Boston, Lyric Opera, The City Performing Arts Center Shubert Theatre,
Stagione Lirica 2010/2011
“TOSCA”
Melodramma in tre atti su libretto di Giuseppe Giacosa e Luigi Illica, dal dramma omonimo di Victorien Sardou.
Musica di Giacomo Puccini
Floria Tosca JILL GARDNER
Mario Cavaradossi RICHARD CRAWLEY
Barone Scarpia BRADLEY GARVIN
Cesare Angelotti ANTON BELOV
Spoletta NEAL FERREIRA
Sacrestano T.STEVEN SMITH
Sciarrone TAYLOR HORNER
Carceriere FRED S.FURNARI
Pastorello RYAN WILLIAMS
Boston Lyric Opera Orchestra e Coro
Voci bianche del PALS Children’s Chorus
Direttore Andrew Bisantz
Regia David Lefkowich
Scene, Costumi Anthony Besch, Peter Rice
Luci Paul Hackenmueller
Boston, 7 novembre 2o1o
Il Boston Lyric Opera ha proposto la produzione della Tosca della Scottish National Opera, un allestimento in cui la Roma napoleonica viene aggiornata all’epoca fascista. Le scenografie dettagliatissime, potremmo dire cinematografiche di Peter Rice, con le belle ed efficaci luci di Paul Hackenmueller sono davvero impressionanti. Al contrario, la regia di David Lefkowich è essenzialmente convenzionale, nonostante i cambiamenti al libretto da lui apportati. Ad esempio Tosca, mentre dopo aver ferito a morte Scarpia, lascia cadere il coltello e lo finisce con un paio di forbici. O poco dopo aver posato la croce sul petto di Scarpia, cambia idea e, con gesto deciso la scosta via. Ancora una volta si deve constatare quanto il lirismo di Puccini appaia artificiale, stonato in questa ambientazione moderna.

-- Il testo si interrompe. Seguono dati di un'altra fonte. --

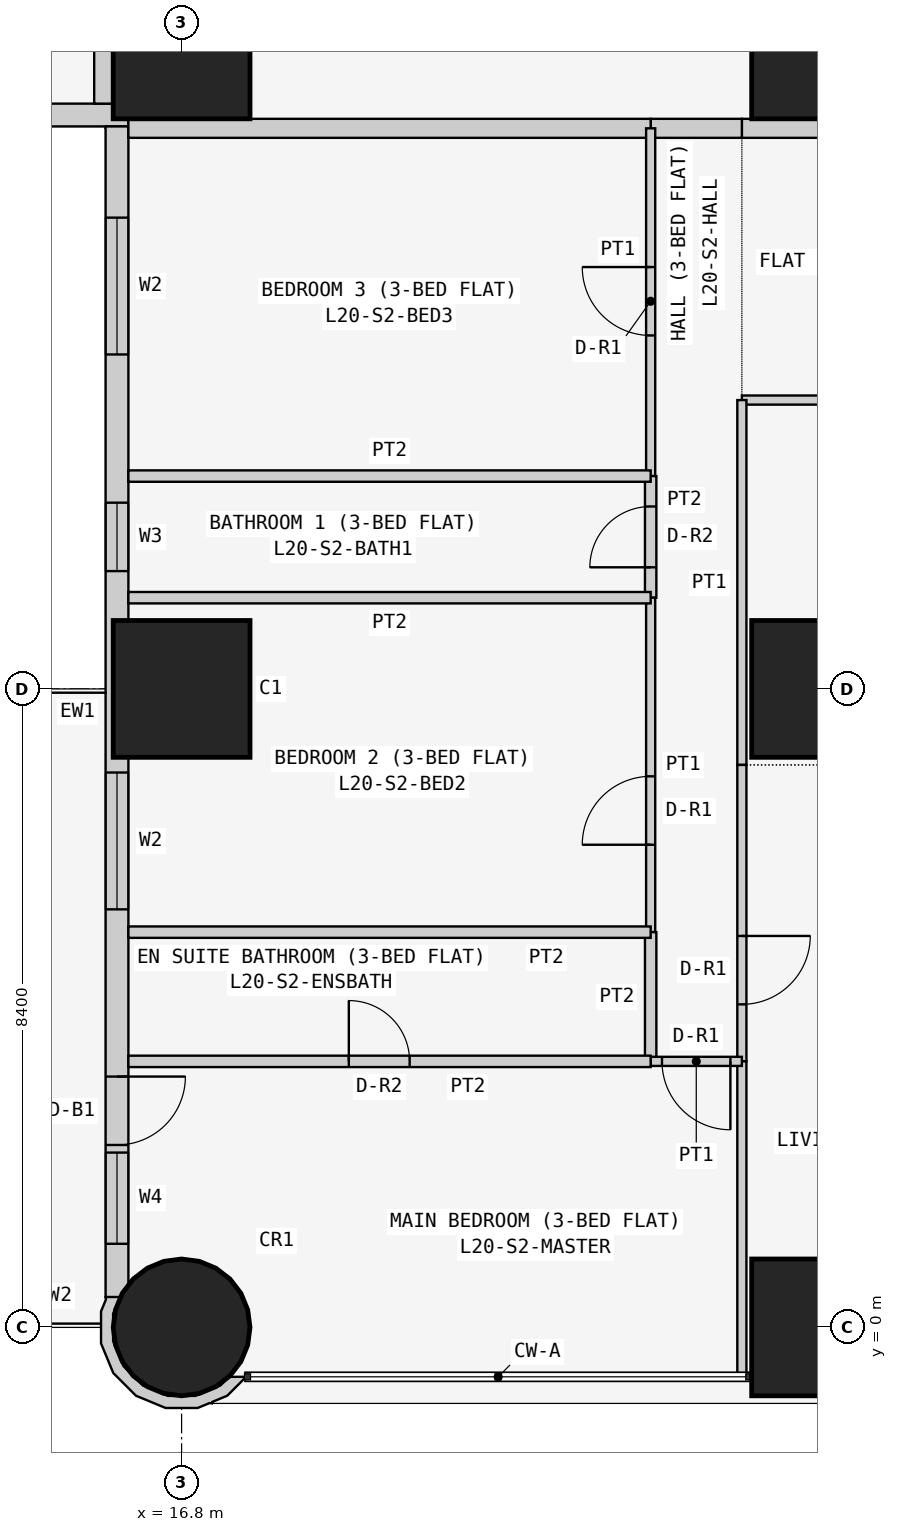
"""IFC4 building model, lengths in metres.
Left out: names, types, materials, properties, quantities, classifications, styles, units other than length and angle.
Written with IfcOpenShell. Run it as: python <this file> out.ifc"""

import sys

from ifc_helpers import new_model, si_unit, direction, frame, frame_2d, origin, origin_2d, place, context, subcontext, project, spatial, polyline, rectangle, circle, outline, extrude, element, fill, save


model = new_model("IFC4")
c1 = context("Model", 3, precision=1e-05, world=origin(), true_north=direction((0.0, 1.0)))
c2 = subcontext(c1, "Body", "Model", "MODEL_VIEW")
j1 = project(units=[si_unit("LENGTHUNIT", "METRE"), si_unit("PLANEANGLEUNIT", "RADIAN")], contexts=[c1])
p1 = place(None, origin())
s1 = spatial("IfcSite", under=j1, at=p1, CompositionType="ELEMENT")
p2 = place(p1, origin())
s2 = spatial("IfcBuilding", under=s1, at=p2, CompositionType="ELEMENT")
p3 = place(p2, frame((0.0, 0.0, 81.3)))
s3 = spatial("IfcBuildingStorey", under=s2, at=p3, CompositionType="ELEMENT", Elevation=81.3)
p4 = place(p3, frame((16.8, 0.0, 0.0), z_axis=(0.0, 0.0, 1.0), x_axis=(1.0, 0.0, 0.0)))
e1 = element("IfcColumn", 1, at=p4, inside=s3, PredefinedType="COLUMN", context=c2, shape_type="SweptSolid", body=[
    extrude(circle(Radius=0.9, at=origin_2d()), origin(), (0.0, 0.0, 1.0), 3.6),
])
for number, where, z_axis, x_axis in (
    (2, (16.8, 8.4, 0.0), (0.0, 0.0, 1.0), (1.0, 0.0, 0.0)),
    (3, (16.8, 16.8, 0.0), (0.0, 0.0, 1.0), (1.0, 0.0, 0.0)),
    (4, (25.2, 0.0, 0.0), (0.0, 0.0, 1.0), (1.0, 0.0, 0.0)),
    (5, (25.2, 8.4, 0.0), (0.0, 0.0, 1.0), (1.0, 0.0, 0.0)),
    (6, (25.2, 16.8, 0.0), (0.0, 0.0, 1.0), (1.0, 0.0, 0.0)),
):
    element("IfcColumn", number, at=place(p3, frame(where, z_axis=z_axis, x_axis=x_axis)), inside=s3, PredefinedType="COLUMN", context=c2, shape_type="SweptSolid", body=[
        extrude(rectangle(XDim=1.8, YDim=1.8, at=origin_2d()), origin(), (0.0, 0.0, 1.0), 3.6),
    ])
p5 = place(p3, frame((0.4, 15.95, 0.0), z_axis=(0.0, 0.0, 1.0), x_axis=(1.0, 0.0, 0.0)))
e7 = element("IfcWall", 7, at=p5, inside=s3, PredefinedType="SOLIDWALL", context=c2, shape_type="SweptSolid", body=[
    extrude(rectangle(XDim=15.7, YDim=0.3, at=frame_2d((7.85, 0.0))), origin(), (0.0, 0.0, 1.0), 3.45),
])
p6 = place(p5, frame((12.4, 0.0, 0.9)))
e8 = element("IfcOpeningElement", 8, at=p6, cuts=e7, PredefinedType="OPENING", context=c2, shape_type="SweptSolid", body=[
    extrude(rectangle(XDim=1.8, YDim=1.5, at=frame_2d((0.9, 0.75))), frame((0.0, 0.16, 0.0), z_axis=(0.0, -1.0, 0.0), x_axis=(1.0, 0.0, 0.0)), (0.0, 0.0, 1.0), 0.32),
])
p7 = place(p5, frame((9.55, 0.0, 1.5)))
e9 = element("IfcOpeningElement", 9, at=p7, cuts=e7, PredefinedType="OPENING", context=c2, shape_type="SweptSolid", body=[
    extrude(rectangle(XDim=0.9, YDim=0.7, at=frame_2d((0.45, 0.35))), frame((0.0, 0.16, 0.0), z_axis=(0.0, -1.0, 0.0), x_axis=(1.0, 0.0, 0.0)), (0.0, 0.0, 1.0), 0.32),
])
p8 = place(p5, frame((5.1, 0.0, 0.9)))
e10 = element("IfcOpeningElement", 10, at=p8, cuts=e7, PredefinedType="OPENING", context=c2, shape_type="SweptSolid", body=[
    extrude(rectangle(XDim=1.8, YDim=1.5, at=frame_2d((0.9, 0.75))), frame((0.0, 0.16, 0.0), z_axis=(0.0, -1.0, 0.0), x_axis=(1.0, 0.0, 0.0)), (0.0, 0.0, 1.0), 0.32),
])
p9 = place(p5, frame((2.0, 0.0, 0.0)))
e11 = element("IfcOpeningElement", 11, at=p9, cuts=e7, PredefinedType="OPENING", context=c2, shape_type="SweptSolid", body=[
    extrude(rectangle(XDim=0.9, YDim=2.4, at=frame_2d((0.45, 1.2))), frame((0.0, 0.16, 0.0), z_axis=(0.0, -1.0, 0.0), x_axis=(1.0, 0.0, 0.0)), (0.0, 0.0, 1.0), 0.32),
])
p10 = place(p5, frame((0.7, 0.0, 0.9)))
e12 = element("IfcOpeningElement", 12, at=p10, cuts=e7, PredefinedType="OPENING", context=c2, shape_type="SweptSolid", body=[
    extrude(rectangle(XDim=1.2, YDim=1.5, at=frame_2d((0.6, 0.75))), frame((0.0, 0.16, 0.0), z_axis=(0.0, -1.0, 0.0), x_axis=(1.0, 0.0, 0.0)), (0.0, 0.0, 1.0), 0.32),
])
p11 = place(p3, frame((15.95, 15.8, 0.0), z_axis=(0.0, 0.0, 1.0), x_axis=(0.0, -1.0, 0.0)))
e13 = element("IfcWall", 13, at=p11, inside=s3, PredefinedType="SOLIDWALL", context=c2, shape_type="SweptSolid", body=[
    extrude(rectangle(XDim=15.4, YDim=0.3, at=frame_2d((7.7, 0.0))), origin(), (0.0, 0.0, 1.0), 3.45),
])
p12 = place(p11, frame((1.2, 0.0, 0.9)))
e14 = element("IfcOpeningElement", 14, at=p12, cuts=e13, PredefinedType="OPENING", context=c2, shape_type="SweptSolid", body=[
    extrude(rectangle(XDim=1.8, YDim=1.5, at=frame_2d((0.9, 0.75))), frame((0.0, 0.16, 0.0), z_axis=(0.0, -1.0, 0.0), x_axis=(1.0, 0.0, 0.0)), (0.0, 0.0, 1.0), 0.32),
])
p13 = place(p11, frame((4.95, 0.0, 1.5)))
e15 = element("IfcOpeningElement", 15, at=p13, cuts=e13, PredefinedType="OPENING", context=c2, shape_type="SweptSolid", body=[
    extrude(rectangle(XDim=0.9, YDim=0.7, at=frame_2d((0.45, 0.35))), frame((0.0, 0.16, 0.0), z_axis=(0.0, -1.0, 0.0), x_axis=(1.0, 0.0, 0.0)), (0.0, 0.0, 1.0), 0.32),
])
p14 = place(p11, frame((8.5, 0.0, 0.9)))
e16 = element("IfcOpeningElement", 16, at=p14, cuts=e13, PredefinedType="OPENING", context=c2, shape_type="SweptSolid", body=[
    extrude(rectangle(XDim=1.8, YDim=1.5, at=frame_2d((0.9, 0.75))), frame((0.0, 0.16, 0.0), z_axis=(0.0, -1.0, 0.0), x_axis=(1.0, 0.0, 0.0)), (0.0, 0.0, 1.0), 0.32),
])
p15 = place(p11, frame((12.5, 0.0, 0.0)))
e17 = element("IfcOpeningElement", 17, at=p15, cuts=e13, PredefinedType="OPENING", context=c2, shape_type="SweptSolid", body=[
    extrude(rectangle(XDim=0.9, YDim=2.4, at=frame_2d((0.45, 1.2))), frame((0.0, 0.16, 0.0), z_axis=(0.0, -1.0, 0.0), x_axis=(1.0, 0.0, 0.0)), (0.0, 0.0, 1.0), 0.32),
])
p16 = place(p11, frame((13.5, 0.0, 0.9)))
e18 = element("IfcOpeningElement", 18, at=p16, cuts=e13, PredefinedType="OPENING", context=c2, shape_type="SweptSolid", body=[
    extrude(rectangle(XDim=1.2, YDim=1.5, at=frame_2d((0.6, 0.75))), frame((0.0, 0.16, 0.0), z_axis=(0.0, -1.0, 0.0), x_axis=(1.0, 0.0, 0.0)), (0.0, 0.0, 1.0), 0.32),
])
p17 = place(p3, frame((15.89, 0.364, 0.0), z_axis=(0.0, 0.0, 1.0), x_axis=(-0.377204953059, -0.926129809145, 0.0)))
e19 = element("IfcWall", 19, at=p17, inside=s3, PredefinedType="SOLIDWALL", context=c2, shape_type="SweptSolid", body=[
    extrude(outline(polyline([(0.36, 1.803), (0.509, 1.741), (0.761, 1.486), (0.896, 1.154), (0.894, 0.795), (0.755, 0.465), (0.5, 0.213), (0.168, 0.078), (-0.1, 0.08), (0.001, -0.097), (0.03, -0.08), (0.199, -0.081), (0.589, 0.078), (0.889, 0.374), (1.053, 0.763), (1.055, 1.185), (0.896, 1.575), (0.778, 1.695), (0.769, 1.728), (0.75, 1.723), (0.6, 1.875), (0.295, 2.004), (0.281, 1.998), (0.36, 1.803)])), origin(), (0.0, 0.0, 1.0), 3.45),
])
p18 = place(p3, frame((29.4, 15.775, 0.0), z_axis=(0.0, 0.0, 1.0), x_axis=(-1.0, 0.0, 0.0)))
e20 = element("IfcWall", 20, at=p18, inside=s3, PredefinedType="PARTITIONING", context=c2, shape_type="SweptSolid", body=[
    extrude(rectangle(XDim=5.229, YDim=0.25, at=frame_2d((2.615, 0.0))), origin(), (0.0, 0.0, 1.0), 3.45),
])
p19 = place(p18, frame((2.1, 0.0, 0.0)))
e21 = element("IfcOpeningElement", 21, at=p19, cuts=e20, PredefinedType="OPENING", context=c2, shape_type="SweptSolid", body=[
    extrude(rectangle(XDim=1.0, YDim=2.1, at=frame_2d((0.5, 1.05))), frame((0.0, 0.135, 0.0), z_axis=(0.0, -1.0, 0.0), x_axis=(1.0, 0.0, 0.0)), (0.0, 0.0, 1.0), 0.27),
])
p20 = place(p3, frame((24.171, 15.775, 0.0), z_axis=(0.0, 0.0, 1.0), x_axis=(-1.0, 0.0, 0.0)))
e22 = element("IfcWall", 22, at=p20, inside=s3, PredefinedType="PARTITIONING", context=c2, shape_type="SweptSolid", body=[
    extrude(rectangle(XDim=1.2, YDim=0.25, at=frame_2d((0.6, 0.0))), origin(), (0.0, 0.0, 1.0), 3.45),
])
p21 = place(p3, frame((22.971, 15.775, 0.0), z_axis=(0.0, 0.0, 1.0), x_axis=(-1.0, 0.0, 0.0)))
e23 = element("IfcWall", 23, at=p21, inside=s3, PredefinedType="PARTITIONING", context=c2, shape_type="SweptSolid", body=[
    extrude(rectangle(XDim=6.871, YDim=0.25, at=frame_2d((3.436, 0.0))), origin(), (0.0, 0.0, 1.0), 3.45),
])
p22 = place(p3, frame((15.775, 16.1, 0.0), z_axis=(0.0, 0.0, 1.0), x_axis=(0.0, 1.0, 0.0)))
e24 = element("IfcWall", 24, at=p22, inside=s3, PredefinedType="PARTITIONING", context=c2, shape_type="SweptSolid", body=[
    extrude(rectangle(XDim=6.471, YDim=0.25, at=frame_2d((3.235, 0.0))), origin(), (0.0, 0.0, 1.0), 3.45),
])
p23 = place(p3, frame((29.4, 12.2, 0.0), z_axis=(0.0, 0.0, 1.0), x_axis=(-1.0, 0.0, 0.0)))
e25 = element("IfcWall", 25, at=p23, inside=s3, PredefinedType="PARTITIONING", context=c2, shape_type="SweptSolid", body=[
    extrude(rectangle(XDim=5.229, YDim=0.12, at=frame_2d((2.615, 0.0))), origin(), (0.0, 0.0, 1.0), 3.45),
])
p24 = place(p23, frame((1.05, 0.0, 0.0)))
e26 = element("IfcOpeningElement", 26, at=p24, cuts=e25, PredefinedType="OPENING", context=c2, shape_type="SweptSolid", body=[
    extrude(rectangle(XDim=0.9, YDim=2.1, at=frame_2d((0.45, 1.05))), frame((0.0, 0.07, 0.0), z_axis=(0.0, -1.0, 0.0), x_axis=(1.0, 0.0, 0.0)), (0.0, 0.0, 1.0), 0.14),
])
p25 = place(p3, frame((24.171, 7.4, 0.0), z_axis=(0.0, 0.0, 1.0), x_axis=(0.0, 1.0, 0.0)))
e27 = element("IfcWall", 27, at=p25, inside=s3, PredefinedType="PARTITIONING", context=c2, shape_type="SweptSolid", body=[
    extrude(rectangle(XDim=4.8, YDim=0.12, at=frame_2d((2.4, 0.0))), origin(), (0.0, 0.0, 1.0), 3.45),
])
p26 = place(p3, frame((24.171, 3.5, 0.0), z_axis=(0.0, 0.0, 1.0), x_axis=(0.0, 1.0, 0.0)))
e28 = element("IfcWall", 28, at=p26, inside=s3, PredefinedType="PARTITIONING", context=c2, shape_type="SweptSolid", body=[
    extrude(rectangle(XDim=3.9, YDim=0.12, at=frame_2d((1.95, 0.0))), origin(), (0.0, 0.0, 1.0), 3.45),
])
p27 = place(p26, frame((0.75, 0.0, 0.0)))
e29 = element("IfcOpeningElement", 29, at=p27, cuts=e28, PredefinedType="OPENING", context=c2, shape_type="SweptSolid", body=[
    extrude(rectangle(XDim=0.9, YDim=2.1, at=frame_2d((0.45, 1.05))), frame((0.0, 0.07, 0.0), z_axis=(0.0, -1.0, 0.0), x_axis=(1.0, 0.0, 0.0)), (0.0, 0.0, 1.0), 0.14),
])
p28 = place(p3, frame((24.171, -0.65, 0.0), z_axis=(0.0, 0.0, 1.0), x_axis=(0.0, 1.0, 0.0)))
e30 = element("IfcWall", 30, at=p28, inside=s3, PredefinedType="PARTITIONING", context=c2, shape_type="SweptSolid", body=[
    extrude(rectangle(XDim=4.15, YDim=0.12, at=frame_2d((2.075, 0.0))), origin(), (0.0, 0.0, 1.0), 3.45),
])
p29 = place(p3, frame((22.971, 11.2, 0.0), z_axis=(0.0, 0.0, 1.0), x_axis=(0.0, 1.0, 0.0)))
e31 = element("IfcWall", 31, at=p29, inside=s3, PredefinedType="PARTITIONING", context=c2, shape_type="SweptSolid", body=[
    extrude(rectangle(XDim=4.575, YDim=0.12, at=frame_2d((2.288, 0.0))), origin(), (0.0, 0.0, 1.0), 3.45),
])
p30 = place(p29, frame((1.85, 0.0, 0.0)))
e32 = element("IfcOpeningElement", 32, at=p30, cuts=e31, PredefinedType="OPENING", context=c2, shape_type="SweptSolid", body=[
    extrude(rectangle(XDim=0.9, YDim=2.1, at=frame_2d((0.45, 1.05))), frame((0.0, 0.07, 0.0), z_axis=(0.0, -1.0, 0.0), x_axis=(1.0, 0.0, 0.0)), (0.0, 0.0, 1.0), 0.14),
])
p31 = place(p3, frame((22.971, 9.6, 0.0), z_axis=(0.0, 0.0, 1.0), x_axis=(0.0, 1.0, 0.0)))
e33 = element("IfcWall", 33, at=p31, inside=s3, PredefinedType="PARTITIONING", context=c2, shape_type="SweptSolid", body=[
    extrude(rectangle(XDim=1.6, YDim=0.15, at=frame_2d((0.8, 0.0))), origin(), (0.0, 0.0, 1.0), 3.45),
])
p32 = place(p31, frame((0.4, 0.0, 0.0)))
e34 = element("IfcOpeningElement", 34, at=p32, cuts=e33, PredefinedType="OPENING", context=c2, shape_type="SweptSolid", body=[
    extrude(rectangle(XDim=0.8, YDim=2.1, at=frame_2d((0.4, 1.05))), frame((0.0, 0.085, 0.0), z_axis=(0.0, -1.0, 0.0), x_axis=(1.0, 0.0, 0.0)), (0.0, 0.0, 1.0), 0.17),
])
p33 = place(p3, frame((22.971, 5.2, 0.0), z_axis=(0.0, 0.0, 1.0), x_axis=(0.0, 1.0, 0.0)))
e35 = element("IfcWall", 35, at=p33, inside=s3, PredefinedType="PARTITIONING", context=c2, shape_type="SweptSolid", body=[
    extrude(rectangle(XDim=4.4, YDim=0.12, at=frame_2d((2.2, 0.0))), origin(), (0.0, 0.0, 1.0), 3.45),
])
p34 = place(p33, frame((1.15, 0.0, 0.0)))
e36 = element("IfcOpeningElement", 36, at=p34, cuts=e35, PredefinedType="OPENING", context=c2, shape_type="SweptSolid", body=[
    extrude(rectangle(XDim=0.9, YDim=2.1, at=frame_2d((0.45, 1.05))), frame((0.0, 0.07, 0.0), z_axis=(0.0, -1.0, 0.0), x_axis=(1.0, 0.0, 0.0)), (0.0, 0.0, 1.0), 0.14),
])
p35 = place(p3, frame((22.971, 3.5, 0.0), z_axis=(0.0, 0.0, 1.0), x_axis=(0.0, 1.0, 0.0)))
e37 = element("IfcWall", 37, at=p35, inside=s3, PredefinedType="PARTITIONING", context=c2, shape_type="SweptSolid", body=[
    extrude(rectangle(XDim=1.7, YDim=0.15, at=frame_2d((0.85, 0.0))), origin(), (0.0, 0.0, 1.0), 3.45),
])
p36 = place(p3, frame((24.171, 3.5, 0.0), z_axis=(0.0, 0.0, 1.0), x_axis=(-1.0, 0.0, 0.0)))
e38 = element("IfcWall", 38, at=p36, inside=s3, PredefinedType="PARTITIONING", context=c2, shape_type="SweptSolid", body=[
    extrude(rectangle(XDim=1.2, YDim=0.12, at=frame_2d((0.6, 0.0))), origin(), (0.0, 0.0, 1.0), 3.45),
])
p37 = place(p36, frame((0.151, 0.0, 0.0)))
e39 = element("IfcOpeningElement", 39, at=p37, cuts=e38, PredefinedType="OPENING", context=c2, shape_type="SweptSolid", body=[
    extrude(rectangle(XDim=0.9, YDim=2.1, at=frame_2d((0.45, 1.05))), frame((0.0, 0.07, 0.0), z_axis=(0.0, -1.0, 0.0), x_axis=(1.0, 0.0, 0.0)), (0.0, 0.0, 1.0), 0.14),
])
for number, where, z_axis, x_axis in (
    (40, (22.971, 11.2, 0.0), (0.0, 0.0, 1.0), (-1.0, 0.0, 0.0)),
    (41, (22.971, 9.6, 0.0), (0.0, 0.0, 1.0), (-1.0, 0.0, 0.0)),
    (42, (22.971, 5.2, 0.0), (0.0, 0.0, 1.0), (-1.0, 0.0, 0.0)),
):
    element("IfcWall", number, at=place(p3, frame(where, z_axis=z_axis, x_axis=x_axis)), inside=s3, PredefinedType="PARTITIONING", context=c2, shape_type="SweptSolid", body=[
        extrude(rectangle(XDim=6.871, YDim=0.15, at=frame_2d((3.436, 0.0))), origin(), (0.0, 0.0, 1.0), 3.45),
    ])
p38 = place(p3, frame((22.971, 3.5, 0.0), z_axis=(0.0, 0.0, 1.0), x_axis=(-1.0, 0.0, 0.0)))
e43 = element("IfcWall", 43, at=p38, inside=s3, PredefinedType="PARTITIONING", context=c2, shape_type="SweptSolid", body=[
    extrude(rectangle(XDim=6.871, YDim=0.15, at=frame_2d((3.436, 0.0))), origin(), (0.0, 0.0, 1.0), 3.45),
])
p39 = place(p38, frame((3.171, 0.0, 0.0)))
e44 = element("IfcOpeningElement", 44, at=p39, cuts=e43, PredefinedType="OPENING", context=c2, shape_type="SweptSolid", body=[
    extrude(rectangle(XDim=0.8, YDim=2.1, at=frame_2d((0.4, 1.05))), frame((0.0, 0.085, 0.0), z_axis=(0.0, -1.0, 0.0), x_axis=(1.0, 0.0, 0.0)), (0.0, 0.0, 1.0), 0.17),
])
p40 = place(p12, origin())
e45 = element("IfcWindow", 45, at=p40, inside=s3, PartitioningType="SINGLE_PANEL", PredefinedType="WINDOW", context=c2, shape_type="SweptSolid", body=[
    extrude(rectangle(XDim=1.8, YDim=1.5, at=frame_2d((0.9, 0.75))), frame((0.0, 0.03, 0.0), z_axis=(0.0, -1.0, 0.0), x_axis=(1.0, 0.0, 0.0)), (0.0, 0.0, 1.0), 0.06),
])
fill(e14, e45)
p41 = place(p13, origin())
e46 = element("IfcWindow", 46, at=p41, inside=s3, PartitioningType="SINGLE_PANEL", PredefinedType="WINDOW", context=c2, shape_type="SweptSolid", body=[
    extrude(rectangle(XDim=0.9, YDim=0.7, at=frame_2d((0.45, 0.35))), frame((0.0, 0.03, 0.0), z_axis=(0.0, -1.0, 0.0), x_axis=(1.0, 0.0, 0.0)), (0.0, 0.0, 1.0), 0.06),
])
fill(e15, e46)
p42 = place(p14, origin())
e47 = element("IfcWindow", 47, at=p42, inside=s3, PartitioningType="SINGLE_PANEL", PredefinedType="WINDOW", context=c2, shape_type="SweptSolid", body=[
    extrude(rectangle(XDim=1.8, YDim=1.5, at=frame_2d((0.9, 0.75))), frame((0.0, 0.03, 0.0), z_axis=(0.0, -1.0, 0.0), x_axis=(1.0, 0.0, 0.0)), (0.0, 0.0, 1.0), 0.06),
])
fill(e16, e47)
p43 = place(p15, origin())
e48 = element("IfcDoor", 48, at=p43, inside=s3, OperationType="SINGLE_SWING_LEFT", PredefinedType="DOOR", context=c2, shape_type="SweptSolid", body=[
    extrude(rectangle(XDim=0.9, YDim=2.4, at=frame_2d((0.45, 1.2))), frame((0.0, 0.025, 0.0), z_axis=(0.0, -1.0, 0.0), x_axis=(1.0, 0.0, 0.0)), (0.0, 0.0, 1.0), 0.05),
])
fill(e17, e48)
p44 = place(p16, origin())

Nel ruolo di Tosca, il soprano Jill Gardner non è certo indimenticabile. Incespica nel “Vissi d’arte”, respirando maldestramente nella frase cruciale dell’aria, andando così a indobilire lo slancio puccinianoe. La sua voce è ben calibrata, ma manca del peso e della varietà di colori che necessitano al personaggio. Il suo coraggioso salto all’indietro dal tetto del castello, tuttavia, è stato un coup de théâtre.
Il pubblico ha tributato i consensi più calorosi allo Scarpia del baritono Bradley Garvin. Il suo aspetto fascinoco e sorprendendentemente giovanile lo rendono scenicamente quanto mai accattivante e con una notevole carica erotica. La sua voce, benché non facilissima nel registro acuto, è comunque robusta e vibrante. Il tenore messicano Diego Torre (Caravadossi) ancora convalescente da una infezione bronchiale, è stato sostituito dal giovane tenore Richard Crawley che è stato si può dire, gettato sulla scena, con pochissime prove. La voce di Crawley è più gradevole che potente, basta dire che le sue grida durante le torture erano appena udibili. Ha tuttavia ha cantato la sua aria dell’ultimo atto, “É lucevan le stelle” con notevole pathos. Il direttore d’orchestra Andrew Bisantz è sembrato sacrificare gli slanci di più ampio respiro per indugiare troppo su certi passaggi più marcatamente melodrammatici, perdendo spesso la tensione drammatica. In conclusione, questa produzione, nonostante i considerevoli sforzi per importare un allestimento europeo, ha dato comunque l’impressione di trovarsi ad assistere a una rappresentazione da teatro amatoriale.